Students bring big business operations savvy to small service businesses with FoundOPS
Who they are
Smaller service businesses run on QuickBooks and Excel spreadsheets. High-end operations software with sophisticated functionality like optimizing the routing of drivers and business analytics to identify where money can be saved or made in an operation is the stuff of large companies.
Not anymore. Jon Perl and Oren Shatken, who met as Purdue fraternity brothers, are changing this with the power of cloud computing and operations management software that works — and can be customized — for many different field service businesses. The 20-somethings are creating such a system with a West Lafayette startup company called FoundOPS.
What they're doing
FoundOPS customers can easily customize the system for their business by working from a variety of industry-specific templates being created by Perl, Shatken and their team. FoundOPS also integrates employee, customer and vehicle information with spatial information on routes and locations, GPS data, and drag-and-drop dispatching —
all from an interface designed to be simple and intuitive.
The heavy computational lifting takes place behind the scenes on cloud servers, relieving FoundOPS customers of the need for hardware as well as providing them with a system they don’t have to administer and update. Moreover, information can be accessed and updated in the field on Android smartphones and tablets.
They’re already working with small companies doing home medication delivery and liquid waste management for restaurants and other food servers while continuing to refine the FoundOPS feature set.
How they got there
Perl, from Virginia, came to Purdue to study computer science and nanotechnology and Shatken, from New Jersey, started out in industrial design and ended up in political science. They might as well have listed their majors as "entrepreneurship" from the start, however. In fact, both took core courses in Purdue’s Certificate in Entrepreneurship and Innovation Program, which they say grounded them in market research and startup basics.

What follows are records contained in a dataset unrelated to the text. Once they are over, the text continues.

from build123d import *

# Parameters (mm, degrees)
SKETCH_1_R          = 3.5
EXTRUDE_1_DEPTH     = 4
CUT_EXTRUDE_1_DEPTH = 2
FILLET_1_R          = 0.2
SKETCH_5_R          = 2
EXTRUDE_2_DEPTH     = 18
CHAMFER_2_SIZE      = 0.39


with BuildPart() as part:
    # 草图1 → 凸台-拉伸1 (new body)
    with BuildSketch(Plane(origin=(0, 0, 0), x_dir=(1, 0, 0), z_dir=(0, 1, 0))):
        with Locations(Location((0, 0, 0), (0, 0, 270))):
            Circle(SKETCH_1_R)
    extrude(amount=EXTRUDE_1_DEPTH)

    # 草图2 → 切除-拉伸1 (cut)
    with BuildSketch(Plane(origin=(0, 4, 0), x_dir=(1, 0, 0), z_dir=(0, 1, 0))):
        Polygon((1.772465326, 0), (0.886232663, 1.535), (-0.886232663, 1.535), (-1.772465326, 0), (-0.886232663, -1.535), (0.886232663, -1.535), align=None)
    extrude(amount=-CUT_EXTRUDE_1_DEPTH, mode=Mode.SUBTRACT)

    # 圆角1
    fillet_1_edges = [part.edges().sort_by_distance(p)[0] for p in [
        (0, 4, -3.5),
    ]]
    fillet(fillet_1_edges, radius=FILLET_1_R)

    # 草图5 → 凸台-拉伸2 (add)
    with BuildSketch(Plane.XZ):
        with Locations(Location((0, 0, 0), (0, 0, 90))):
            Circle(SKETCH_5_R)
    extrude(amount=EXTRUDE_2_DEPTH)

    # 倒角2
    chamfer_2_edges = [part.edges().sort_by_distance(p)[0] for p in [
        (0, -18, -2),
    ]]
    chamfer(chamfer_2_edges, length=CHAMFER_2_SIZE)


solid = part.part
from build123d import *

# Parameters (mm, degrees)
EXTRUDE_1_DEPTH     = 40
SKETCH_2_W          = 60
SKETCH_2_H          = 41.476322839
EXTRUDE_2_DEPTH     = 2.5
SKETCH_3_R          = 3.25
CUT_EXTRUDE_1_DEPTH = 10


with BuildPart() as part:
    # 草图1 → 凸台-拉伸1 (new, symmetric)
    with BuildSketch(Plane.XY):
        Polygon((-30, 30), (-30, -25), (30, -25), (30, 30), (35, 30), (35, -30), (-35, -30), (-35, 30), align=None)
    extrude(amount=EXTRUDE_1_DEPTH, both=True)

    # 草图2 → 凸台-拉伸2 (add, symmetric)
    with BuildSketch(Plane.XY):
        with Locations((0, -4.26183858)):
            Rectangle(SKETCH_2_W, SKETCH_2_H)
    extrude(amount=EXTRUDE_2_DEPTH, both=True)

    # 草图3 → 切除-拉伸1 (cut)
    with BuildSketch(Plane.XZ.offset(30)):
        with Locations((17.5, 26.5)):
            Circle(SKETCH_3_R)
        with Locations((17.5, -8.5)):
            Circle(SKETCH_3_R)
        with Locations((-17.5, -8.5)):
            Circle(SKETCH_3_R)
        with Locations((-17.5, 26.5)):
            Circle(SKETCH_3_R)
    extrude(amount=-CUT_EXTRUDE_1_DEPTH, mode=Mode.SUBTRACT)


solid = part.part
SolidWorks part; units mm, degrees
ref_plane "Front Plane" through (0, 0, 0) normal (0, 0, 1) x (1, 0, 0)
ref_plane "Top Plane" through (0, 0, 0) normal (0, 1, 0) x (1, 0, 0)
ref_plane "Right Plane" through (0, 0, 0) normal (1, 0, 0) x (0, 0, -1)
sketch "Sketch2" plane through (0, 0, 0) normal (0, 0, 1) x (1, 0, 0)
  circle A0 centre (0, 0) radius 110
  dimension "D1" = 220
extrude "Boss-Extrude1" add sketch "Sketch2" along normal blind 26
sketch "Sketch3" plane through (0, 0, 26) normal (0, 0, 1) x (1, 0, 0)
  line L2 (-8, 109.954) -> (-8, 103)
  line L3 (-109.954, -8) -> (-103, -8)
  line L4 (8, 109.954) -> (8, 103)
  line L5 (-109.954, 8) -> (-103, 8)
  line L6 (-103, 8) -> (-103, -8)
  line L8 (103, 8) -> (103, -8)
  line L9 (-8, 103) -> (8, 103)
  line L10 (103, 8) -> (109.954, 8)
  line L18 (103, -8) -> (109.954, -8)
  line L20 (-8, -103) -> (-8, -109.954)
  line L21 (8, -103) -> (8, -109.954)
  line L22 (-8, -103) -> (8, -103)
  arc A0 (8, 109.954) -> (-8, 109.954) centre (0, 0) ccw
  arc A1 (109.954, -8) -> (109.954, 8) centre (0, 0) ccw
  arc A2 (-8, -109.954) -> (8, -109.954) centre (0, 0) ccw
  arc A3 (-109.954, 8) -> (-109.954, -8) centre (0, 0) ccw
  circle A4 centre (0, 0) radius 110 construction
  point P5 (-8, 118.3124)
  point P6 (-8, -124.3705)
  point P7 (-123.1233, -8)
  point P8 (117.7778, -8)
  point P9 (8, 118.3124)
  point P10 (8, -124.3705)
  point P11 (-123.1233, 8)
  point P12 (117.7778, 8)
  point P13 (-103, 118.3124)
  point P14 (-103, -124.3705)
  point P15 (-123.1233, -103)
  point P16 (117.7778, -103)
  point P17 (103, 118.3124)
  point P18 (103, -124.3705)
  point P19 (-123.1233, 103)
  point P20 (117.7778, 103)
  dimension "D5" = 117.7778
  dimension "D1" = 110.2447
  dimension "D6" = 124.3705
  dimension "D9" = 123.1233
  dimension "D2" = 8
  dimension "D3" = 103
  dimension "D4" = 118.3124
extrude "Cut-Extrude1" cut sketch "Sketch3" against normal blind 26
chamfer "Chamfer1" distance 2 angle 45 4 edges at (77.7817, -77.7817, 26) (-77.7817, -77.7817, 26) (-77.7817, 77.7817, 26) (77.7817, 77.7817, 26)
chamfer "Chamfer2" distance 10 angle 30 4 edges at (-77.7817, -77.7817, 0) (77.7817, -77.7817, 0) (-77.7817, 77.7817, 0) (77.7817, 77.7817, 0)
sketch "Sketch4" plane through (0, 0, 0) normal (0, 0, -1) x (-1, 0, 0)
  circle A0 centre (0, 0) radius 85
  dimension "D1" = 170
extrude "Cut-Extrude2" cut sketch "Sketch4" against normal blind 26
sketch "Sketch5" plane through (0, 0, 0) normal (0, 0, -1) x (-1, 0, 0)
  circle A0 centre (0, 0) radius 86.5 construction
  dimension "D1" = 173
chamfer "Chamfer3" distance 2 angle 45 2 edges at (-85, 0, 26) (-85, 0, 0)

Perl had been writing custom programs for small businesses since high school, fodder for the entrepreneurial ideas the two kicked around in brainstorming sessions at Purdue’s Alpha Epsilon Pi house, which eventually yielded FoundOPS. They started the company in a spare room at the fraternity, one so small they knocked knees every time they turned their office chairs. With a growing staff, including its two founders, FoundOPS is now located in commercial office space at the Purdue Research Park. Perl says the staff represents another key resource Purdue offers: talent. All but one of their employees, including their senior software engineer, are current or former Purdue students.
They self funded their company initially then, with a proof of concept and market in place, began working with angel investors, whom they located through Verge, TechPoint and VentureClub of Indiana, Indianapolis-based entrepreneurial networking organizations. Shatken says those groups also can help with finding startup-oriented attorneys willing to work on a contingency basis for issues like copyrights and trademarks. The FoundOPS founders are helping build a similar resource closer to home by active participation in Lafayette Tech, a local group working to bring together student and nonstudent entrepreneurs, Purdue faculty and other potential mentors, and possible investors for networking, tip sharing and more.
Free advice
"You have to be making a product that you yourself would want to use," Shatken says.